From meeting notes 2015-11-30:

One thing of note, is that for production, it is important to use tin for the git_server from which information is fetched and we should enforce that in scap code. tin has much less surface area than using anything and/or everything as an available upstream.

For smaller instances, and to support re-use in labs projects, having a configurable upstream to which we could push a branch with canonical configuration information would get rid of the dependency of apache.

Looks like this is a wontfix due to ops imposing requirements that we only deploy from git repos hosted on the deployment server.

Ok after discussing this with the team, it's still something we want to support, it just won't be the default mode of operation.

I didn't really mean to close this - I was confused.
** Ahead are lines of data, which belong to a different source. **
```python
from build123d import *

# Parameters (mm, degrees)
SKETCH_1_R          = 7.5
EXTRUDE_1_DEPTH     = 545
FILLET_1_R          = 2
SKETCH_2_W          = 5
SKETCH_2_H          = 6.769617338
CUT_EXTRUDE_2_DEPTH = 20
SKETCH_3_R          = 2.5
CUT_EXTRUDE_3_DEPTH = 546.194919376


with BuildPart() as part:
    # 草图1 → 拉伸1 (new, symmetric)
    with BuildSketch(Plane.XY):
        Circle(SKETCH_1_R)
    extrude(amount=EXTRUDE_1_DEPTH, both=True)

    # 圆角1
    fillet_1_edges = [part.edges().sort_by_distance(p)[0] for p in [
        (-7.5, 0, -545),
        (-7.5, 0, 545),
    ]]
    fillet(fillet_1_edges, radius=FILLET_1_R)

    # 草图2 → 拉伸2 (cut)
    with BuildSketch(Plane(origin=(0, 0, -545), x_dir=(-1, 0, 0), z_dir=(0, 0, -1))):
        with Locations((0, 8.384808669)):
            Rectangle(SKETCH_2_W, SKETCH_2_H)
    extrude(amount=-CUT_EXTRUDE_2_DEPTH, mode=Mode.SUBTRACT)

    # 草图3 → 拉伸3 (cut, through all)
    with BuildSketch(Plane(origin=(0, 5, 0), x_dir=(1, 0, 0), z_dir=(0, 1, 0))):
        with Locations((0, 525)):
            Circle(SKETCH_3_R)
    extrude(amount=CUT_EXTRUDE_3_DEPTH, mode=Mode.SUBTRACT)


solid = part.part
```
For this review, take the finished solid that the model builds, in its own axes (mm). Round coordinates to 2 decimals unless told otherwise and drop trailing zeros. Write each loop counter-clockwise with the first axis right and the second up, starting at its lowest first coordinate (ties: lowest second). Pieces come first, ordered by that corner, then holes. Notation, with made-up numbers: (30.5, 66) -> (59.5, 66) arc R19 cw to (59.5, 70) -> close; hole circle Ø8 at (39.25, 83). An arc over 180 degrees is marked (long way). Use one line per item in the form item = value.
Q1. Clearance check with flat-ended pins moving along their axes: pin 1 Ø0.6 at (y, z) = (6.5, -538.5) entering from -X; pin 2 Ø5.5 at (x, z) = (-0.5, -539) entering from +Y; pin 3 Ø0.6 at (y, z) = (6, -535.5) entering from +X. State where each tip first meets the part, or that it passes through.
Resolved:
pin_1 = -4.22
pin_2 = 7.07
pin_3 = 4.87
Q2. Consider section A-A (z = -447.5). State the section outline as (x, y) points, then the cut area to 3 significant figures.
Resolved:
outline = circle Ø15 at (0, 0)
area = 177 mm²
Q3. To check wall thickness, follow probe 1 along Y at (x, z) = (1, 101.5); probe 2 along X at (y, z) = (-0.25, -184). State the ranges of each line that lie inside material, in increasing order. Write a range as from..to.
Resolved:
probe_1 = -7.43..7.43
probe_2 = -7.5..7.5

mmodell lowered the priority of this task from High to Medium.Jan 5 2016, 8:33 PM

I'm thinking we could start a SimpleHTTPServer rooted at /srv/deployment.
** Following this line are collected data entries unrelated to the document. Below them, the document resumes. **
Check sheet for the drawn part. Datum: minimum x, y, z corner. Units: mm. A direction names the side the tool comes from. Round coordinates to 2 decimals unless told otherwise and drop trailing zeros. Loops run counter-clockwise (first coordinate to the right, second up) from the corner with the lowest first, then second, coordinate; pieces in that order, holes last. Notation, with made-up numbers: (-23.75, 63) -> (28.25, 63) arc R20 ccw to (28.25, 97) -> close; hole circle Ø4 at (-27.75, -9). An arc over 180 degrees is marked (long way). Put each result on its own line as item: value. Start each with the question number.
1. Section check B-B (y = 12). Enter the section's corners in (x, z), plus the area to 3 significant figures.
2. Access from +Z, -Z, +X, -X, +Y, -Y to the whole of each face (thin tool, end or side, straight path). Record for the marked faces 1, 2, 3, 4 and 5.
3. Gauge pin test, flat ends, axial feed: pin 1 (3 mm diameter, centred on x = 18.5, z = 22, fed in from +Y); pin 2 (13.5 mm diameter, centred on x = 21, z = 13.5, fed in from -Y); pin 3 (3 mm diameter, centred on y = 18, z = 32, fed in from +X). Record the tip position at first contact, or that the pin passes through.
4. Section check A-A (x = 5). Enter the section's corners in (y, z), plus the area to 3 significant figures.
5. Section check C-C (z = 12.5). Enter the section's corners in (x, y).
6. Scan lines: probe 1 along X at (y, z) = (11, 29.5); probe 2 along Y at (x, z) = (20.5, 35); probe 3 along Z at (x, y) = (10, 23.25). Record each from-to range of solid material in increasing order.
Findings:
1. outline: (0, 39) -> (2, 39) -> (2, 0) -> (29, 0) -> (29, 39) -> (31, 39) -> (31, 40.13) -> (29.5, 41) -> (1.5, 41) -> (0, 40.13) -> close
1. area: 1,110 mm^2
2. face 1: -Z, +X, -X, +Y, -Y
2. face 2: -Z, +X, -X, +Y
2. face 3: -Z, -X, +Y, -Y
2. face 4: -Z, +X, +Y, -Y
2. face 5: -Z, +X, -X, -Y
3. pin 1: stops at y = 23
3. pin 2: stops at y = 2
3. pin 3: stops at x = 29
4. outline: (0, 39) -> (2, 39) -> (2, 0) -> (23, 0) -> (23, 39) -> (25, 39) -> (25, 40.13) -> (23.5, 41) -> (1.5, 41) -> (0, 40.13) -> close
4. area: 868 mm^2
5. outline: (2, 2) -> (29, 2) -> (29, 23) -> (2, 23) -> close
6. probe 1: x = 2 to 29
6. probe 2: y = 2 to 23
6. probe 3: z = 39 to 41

@thcipriani: Is there any way to override the http port that deploy-local uses to connect back to the deployment host?

@mmodell you could include it as part of the git_server argument, e.g., git_server = tin.eqiad.wmflabs:8080.

What changed to point you at evaluating SimpleHTTPServer? Initially I remember some discussion about how that wasn't the right tool for this particular task.

@thcipriani: We were talking about completely replacing the apache server on tin / mirra with a python http implementation. For that task, SimpleHTTPServer almost certainly would not scale. On the other hand, now that we are sure that we need to keep the apache server in order to support the puppet provider, it seems a lot easier to just use a simple http server for labs and one-off deployments from a developer's machine. The only immediate benefit to replacing apache really is a bit less configuration complexity. The reality though, is that our apache configuration is already built in puppet so it's only a theoretical savings. If apache was unreliable or otherwise deficient then it'd be worth the effort.

The more performant python http servers are rather heavyweight dependencies to add and non-trivial amount of code to implement a decent configurable setup. I'm not against implementing something better but I think that a simple server will work for the most basic use-case and we can build something better if there is a demand for it in the future.

mmodell raised the priority of this task from Medium to High.Mar 6 2016, 3:30 PM

One thing to investigate further is the use of git daemon.

mmodell lowered the priority of this task from High to Medium.
mmodell added a subscriber: mmodell.

I don't think this is really the direction we were planning to go in anymore.